Although our family never starved, language was the feast on which we fed.
Feast, fed; they make a nice couple, those words. You can taste them, sense the abundance she remembers and wants to convey to you. In that sentence the author subtly earns your trust; this story is not A story, but HER story.
My father had the longest beard in town, which earned him the well-deserved and ever-so-creative nickname Jankle With the Longest Beard.
Jankle would perish in Auschwitz (perish is the word Mrs. Schneiderman uses in an afterword, to tell of the fate of her father and others, and it strikes me as one that honors the dead). She lets us know him and see him. He can never be brought back. But she brings him back.
Judith, who was Yentala, then, before history stepped in, is elated when her parents buy the seamstress-made dresses that she and her sister have begged for. She writes:
We giggled and planned for when we would parade our new outfits at school. But we never went back to school… We wore our new presents the morning that my father, for the last time, would shut the door of the little house, which had been the only home I had ever known.
You can hear the giggles, you can see the “little” house. And while this is a terrible story—watch how she offers it to us. How she keeps it simple, innocent, within the frame of the girl’s perspective. It’s sad, but not sadly told. An artist has told it.
After spending three days in darkness, where day and night were synonymous, the lights of our destination were blinding, pouring upwards from the cracks underneath our feet, as if the sun was under the earth.
She has spent those three days in a cattle car, on her way to a concentration camp.
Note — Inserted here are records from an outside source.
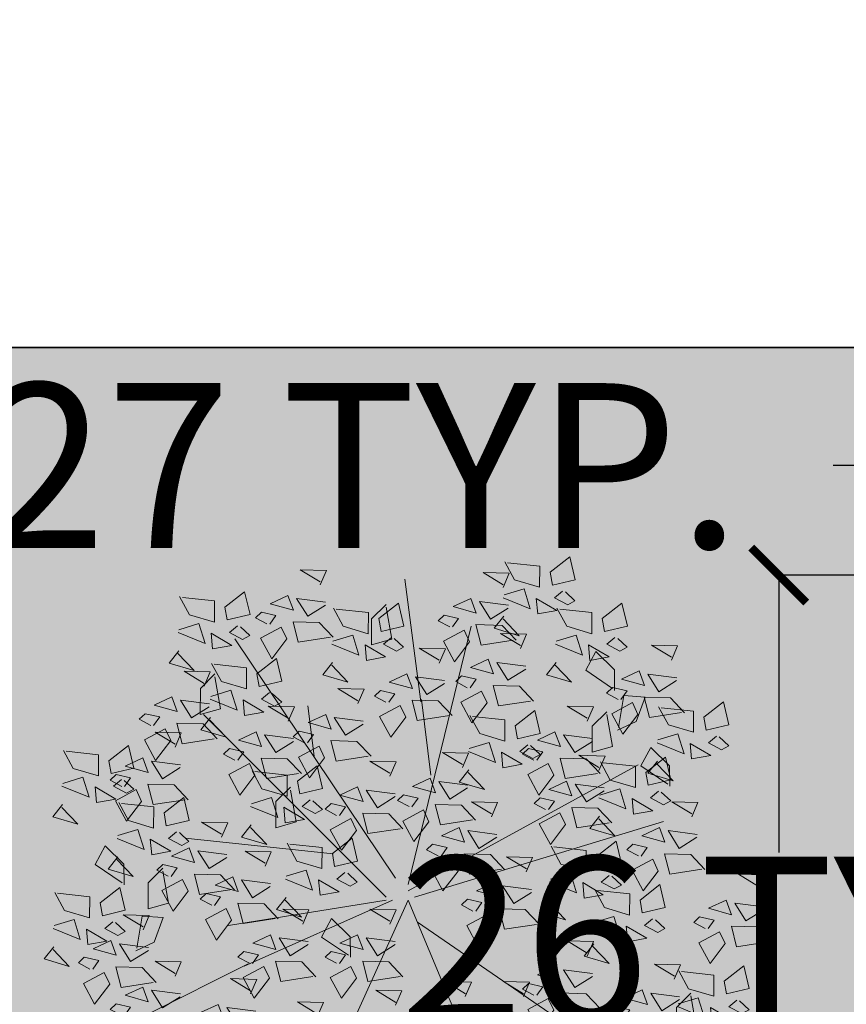
# Model space of a CAD drawing. Units: inches. Extents: x 1704 to 6393, y -157 to 1172.
# Tile 77 of 122: x 1987 to 2017, y 1009 to 1045. Entities that reach past the tile are written whole.
import ezdxf

# ---------------------------------------------------------------- set-up
doc = ezdxf.new("R2010")
doc.units = ezdxf.units.IN
doc.header["$MEASUREMENT"] = 0
for name, color, linetype, lineweight in [('A-ANNO-DIMS', 7, 'Continuous', 13), ('C-PROP', 7, 'Continuous', 35), ('L-shrub', 74, 'Continuous', 18)]:
    doc.layers.add(name, color=color, linetype=linetype, lineweight=lineweight)
doc.layers.add('L-HRDS-PATT', color=9, linetype='Continuous', lineweight=13, true_color=0xc5c1ba)
doc.styles.get("Standard").update_dxf_attribs({"font": 'arial.ttf'})
doc.dimstyles.get("Standard").update_dxf_attribs({"dimtxt": 6, "dimasz": 2, "dimexe": 0.18, "dimexo": 0.0625, "dimgap": 0.09, "dimtad": 0, "dimtih": 1, "dimtoh": 1, "dimdec": 1, "dimzin": 0, "dimdsep": 46, "dimlunit": 3, "dimtxsty": 'Standard', "dimblk": 'ARCHTICK', "dimcen": 0.09, "dimadec": 0, "dimazin": 0, "dimtfac": 1, "dimtdec": 1, "dimtofl": 0, "dimtmove": 0, "dimatfit": 3, "dimfxl": 1, "dimtolj": 1, "dimtzin": 0, "dimarcsym": 0})

# ---------------------------------------------------------------- blocks, each defined once
blk = doc.blocks.new('flower shrub 2')
at = {"layer": 'L-shrub'}
for p, q in [((-106.23, 211.82), (-92.99, 218)), ((-112.6, 194.32), (-106.23, 211.82)), ((-93.69, 216.06), (-97.6, 193.26)), ((-81.12, 192.39), (-66.64, 196.47)), ((-66.64, 196.47), (-66.71, 177.85)), ((71.95, 198.59), (86.43, 202.67)), ((75.99, 175.82), (71.95, 198.59)), ((86.43, 202.67), (86.36, 184.05)), ((-97.6, 193.26), (-112.6, 194.32)), ((-77.07, 169.62), (-81.12, 192.39)), ((86.36, 184.05), (75.99, 173.75)), ((-66.71, 177.85), (-77.08, 167.55)), ((26.45, 165.53), (40.92, 169.61)), ((40.92, 169.61), (40.85, 150.99)), ((-145.24, 163.47), (-130.76, 167.54)), ((-141.2, 140.7), (-145.24, 163.47)), ((-130.76, 167.54), (-130.83, 148.93)), ((-88.72, 152.29), (-88.87, 166.9)), ((-87.4, 165.46), (-68.26, 152.47)), ((30.49, 142.76), (26.45, 165.53)), ((60.21, 144.02), (60.06, 158.64)), ((61.53, 157.19), (80.67, 144.21)), ((-130.83, 148.93), (-141.21, 138.63)), ((-75.44, 139.25), (-88.72, 152.29)), ((-68.26, 152.47), (-75.44, 139.25)), ((40.85, 150.99), (30.48, 140.69)), ((73.5, 130.99), (60.21, 144.02)), ((80.67, 144.21), (73.5, 130.99)), ((-201.09, 93.22), (-186.61, 97.3)), ((-197.05, 70.45), (-201.09, 93.22)), ((-186.61, 97.3), (-186.68, 78.69)), ((-186.68, 78.69), (-197.06, 68.38)), ((45.73, 28.33), (45.58, 42.95)), ((47.06, 41.5), (66.19, 28.51)), ((185.43, 32.08), (198.67, 38.26)), ((197.96, 36.32), (194.06, 13.53)), ((59.02, 15.29), (45.73, 28.33)), ((66.19, 28.51), (59.02, 15.29)), ((179.06, 14.59), (185.43, 32.08)), ((194.06, 13.53), (179.06, 14.59)), ((175.38, 4.39), (189.86, 8.47)), ((189.86, 8.47), (189.78, -10.15)), ((179.42, -18.38), (175.38, 4.39)), ((189.78, -10.15), (179.41, -20.45)), ((207.07, -23.32), (206.92, -8.7)), ((208.4, -10.15), (227.53, -23.13)), ((220.36, -36.35), (207.07, -23.32)), ((227.53, -23.13), (220.36, -36.35)), ((84.36, -53.46), (98.84, -49.38)), ((88.41, -76.23), (84.36, -53.46)), ((98.84, -49.38), (98.77, -68)), ((98.77, -68), (88.4, -78.3)), ((-181.81, -93.56), (-181.96, -78.94)), ((-180.48, -80.39), (-161.34, -93.38)), ((-168.52, -106.6), (-181.81, -93.56)), ((-161.34, -93.38), (-168.52, -106.6)), ((-141.1, -107.17), (-126.62, -103.09)), ((-126.62, -103.09), (-126.7, -121.71)), ((-137.06, -129.94), (-141.1, -107.17)), ((-157.94, -124.93), (-144.7, -118.75)), ((-164.31, -142.42), (-157.94, -124.93)), ((-145.41, -120.69), (-149.31, -143.48)), ((-126.7, -121.71), (-137.07, -132.01)), ((138.15, -134.03), (152.62, -129.95)), ((152.62, -129.95), (152.55, -148.57)), ((142.19, -156.8), (138.15, -134.03)), ((-149.31, -143.48), (-164.31, -142.42)), ((-142.51, -161.74), (-142.65, -147.12)), ((-141.18, -148.57), (-122.04, -161.55)), ((152.55, -148.57), (142.18, -158.87)), ((-129.22, -174.77), (-142.51, -161.74)), ((-122.04, -161.55), (-129.22, -174.77)), ((16.1, -183.61), (30.58, -179.53)), ((30.58, -179.53), (30.51, -198.15)), ((20.14, -206.38), (16.1, -183.61)), ((30.51, -198.15), (20.14, -208.45))]:
    blk.add_line(p, q, dxfattribs=at)
for points in [[(52.15, 237.83), (59.05, 246.56), (41.2, 251.84), (52.74, 239.81)], [(-67.82, 227.5), (-60.92, 236.23), (-78.77, 241.51), (-67.23, 229.48)], [(-39.32, 221.12), (-28.59, 235.29), (-20.71, 220.61), (-35.41, 212.74), (-39.32, 221.12)], [(29.03, 225.28), (27.99, 236.36), (14.33, 233.94), (29.03, 225.28)], [(52.02, 222.79), (37.77, 218.39), (33.35, 232.62), (52.6, 224.77)], [(-90.95, 214.95), (-91.98, 226.03), (-105.64, 223.61), (-90.95, 214.95)], [(10.23, 220.07), (15.95, 224.84), (6.62, 229.76), (1.48, 226.97), (8.24, 220.66)], [(126.62, 210.97), (133.52, 219.7), (115.67, 224.99), (127.2, 212.95)], [(-109.75, 209.74), (-104.02, 214.51), (-113.35, 219.43), (-118.49, 216.64), (-111.73, 210.33)], [(-67.96, 212.46), (-82.2, 208.06), (-86.62, 222.29), (-67.37, 214.44)], [(-70.39, 219.89), (-47.54, 223.41), (-43.79, 208.84), (-62.4, 209.34), (-72.46, 219.95)], [(-27.19, 210.46), (-31.5, 204.37), (-21.21, 202.03), (-16.97, 206.05), (-25.13, 210.4)], [(19.2, 206.65), (5.18, 195.71), (1.34, 211.93), (17.57, 215.74), (19.2, 206.65)], [(49.53, 199.82), (26.54, 202.32), (26.68, 217.36), (44.53, 212.08), (51.52, 199.24)], [(-100.78, 196.32), (-114.8, 185.38), (-118.63, 201.6), (-102.4, 205.41), (-100.78, 196.32)], [(-70.44, 189.49), (-93.43, 191.99), (-93.29, 207.03), (-75.44, 201.75), (-68.45, 188.91)], [(-66.87, 197.06), (-54.24, 204.99), (-46.3, 192.37), (-66.93, 195)], [(16.53, 190.13), (27.26, 204.31), (35.14, 189.63), (20.44, 181.76), (16.53, 190.13)], [(103.49, 198.43), (102.46, 209.5), (88.8, 207.08), (103.49, 198.43)], [(126.48, 195.93), (112.24, 191.53), (107.82, 205.76), (127.07, 197.91)], [(-47.57, 123.92), (-79, 197.93)], [(-44.01, 200.58), (-40.16, 190.14), (-27.58, 196), (-44.01, 200.58)], [(-37.25, 183.93), (-26.52, 198.11), (-18.64, 183.43), (-33.34, 175.56), (-37.25, 183.93)], [(84.69, 193.22), (90.42, 197.99), (81.09, 202.9), (75.95, 200.11), (82.71, 193.8)], [(-136.54, 179.8), (-125.81, 193.98), (-117.93, 179.3), (-132.63, 171.43), (-136.54, 179.8)], [(-14.54, 188.9), (8.31, 192.42), (12.06, 177.85), (-6.55, 178.35), (-16.61, 188.96)], [(124, 172.97), (101.01, 175.46), (101.15, 190.5), (119, 185.22), (125.98, 172.38)], [(-68.32, 182.7), (-45.47, 186.22), (-41.72, 171.65), (-60.33, 172.15), (-70.39, 182.76)], [(-63.13, 182.49), (-67.54, 172.28), (-48.93, 171.78), (-63.18, 180.43)], [(64.56, 171.72), (71.46, 180.45), (53.61, 185.73), (65.15, 173.7)], [(93.66, 179.79), (79.64, 168.86), (75.81, 185.07), (92.04, 188.89), (93.66, 179.79)], [(-167.61, 178.57), (-144.76, 182.09), (-141.01, 167.52), (-159.62, 168.02), (-169.68, 178.63)], [(28.66, 179.47), (24.35, 173.38), (34.64, 171.04), (38.88, 175.06), (30.72, 179.41)], [(66.94, 139.62), (91.63, 182.23)], [(141.1, 161.39), (148, 170.12), (130.14, 175.4), (141.68, 163.37)], [(-124.41, 169.14), (-128.72, 163.05), (-118.43, 160.71), (-114.19, 164.73), (-122.34, 169.08)], [(-78.16, 157.26), (-71.26, 165.99), (-89.12, 171.27), (-77.58, 159.24)], [(-25.12, 173.27), (-29.43, 167.19), (-19.14, 164.84), (-14.9, 168.86), (-23.06, 173.21)], [(-11.02, 166.07), (1.61, 174), (9.54, 161.38), (-11.08, 164.01)], [(11.84, 169.59), (15.69, 159.15), (28.27, 165.01), (11.84, 169.59)], [(41.44, 159.17), (40.4, 170.25), (26.74, 167.83), (41.44, 159.17)], [(-164.09, 155.74), (-151.46, 163.67), (-143.52, 151.05), (-164.15, 153.68)], [(-105.51, 148.81), (-94.78, 162.99), (-86.9, 148.31), (-101.6, 140.44), (-105.51, 148.81)], [(-64.8, 159.87), (-52.17, 167.8), (-44.24, 155.19), (-64.86, 157.81)], [(-41.95, 163.39), (-38.09, 152.95), (-25.52, 158.81), (-41.95, 163.39)], [(22.64, 153.96), (28.36, 158.73), (19.03, 163.65), (13.89, 160.86), (20.65, 154.55)], [(64.43, 156.68), (50.18, 152.28), (45.76, 166.51), (65.01, 158.66)], [(207.29, 148.99), (214.19, 157.72), (196.34, 163.01), (207.88, 150.97)], [(-165.04, 146.93), (-158.14, 155.66), (-175.99, 160.94), (-164.45, 148.91)], [(-141.23, 159.26), (-137.38, 148.82), (-124.8, 154.68), (-141.23, 159.26)], [(-101.29, 144.71), (-102.33, 155.79), (-115.98, 153.37), (-101.29, 144.71)], [(117.97, 148.84), (116.93, 159.92), (103.28, 157.5), (117.97, 148.84)], [(140.96, 146.35), (126.72, 141.95), (122.3, 156.18), (141.55, 148.33)], [(-136.58, 147.58), (-113.73, 151.1), (-109.98, 136.53), (-128.59, 137.03), (-138.65, 147.64)], [(-120.09, 139.5), (-114.36, 144.27), (-123.69, 149.19), (-128.83, 146.4), (-122.07, 140.09)], [(-78.3, 142.22), (-92.54, 137.81), (-96.96, 152.05), (-77.71, 144.2)], [(-7.28, 151.5), (-11.69, 141.29), (6.92, 140.79), (-7.33, 149.44)], [(31.61, 140.54), (17.59, 129.6), (13.76, 145.82), (29.99, 149.63), (31.61, 140.54)], [(61.95, 133.71), (38.95, 136.21), (39.09, 151.25), (56.94, 145.97), (63.93, 133.13)], [(99.17, 143.63), (104.9, 148.4), (95.57, 153.32), (90.43, 150.53), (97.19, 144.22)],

You’d think that all she had to report was her own terror, gone numb after those three days. But she selects; she sees. She calls forth from the memory of seventy years ago a picture that glows in a frame she’s made. There is something beautiful to remember, even from then.
A female guard, remembered by Mrs. Scheniderman as beautiful, hears her sing and, after teaching her a German song about homesickness, brings her to entertain the officers in their dining hall. She is lifted up onto a table, and the room grows quiet. “Shaking,” she writes, “I began to sing my song of homesickness, and everyone grow still. Some even cried; they cried for their own homes, and for their fatherland.”
Life is always wondrous, even in a place that specialized in death. Everyone knows how it is to be far from home, with no promise they can ever go back. This girl on the table saw that. She remembered it. And she lets us see it. Throughout the book, her essential self makes it through one nightmare after another. From the window of her story she calls to us, saying “This is who I am. I am my life. We are one and the same.”
So thank you, God, I guess, and Gelson’s, for bringing David and me there that day. And thank you to Yentala and Pinek, your dear parents, who as they came to this country became Judith and Paul. You did well. I know you now, and I know more of your son. I know that you raised a man who is more than delightful; you raised a wise man who knew, somehow, that yours was a story I needed, that you were people I needed to know. Yes. You did well.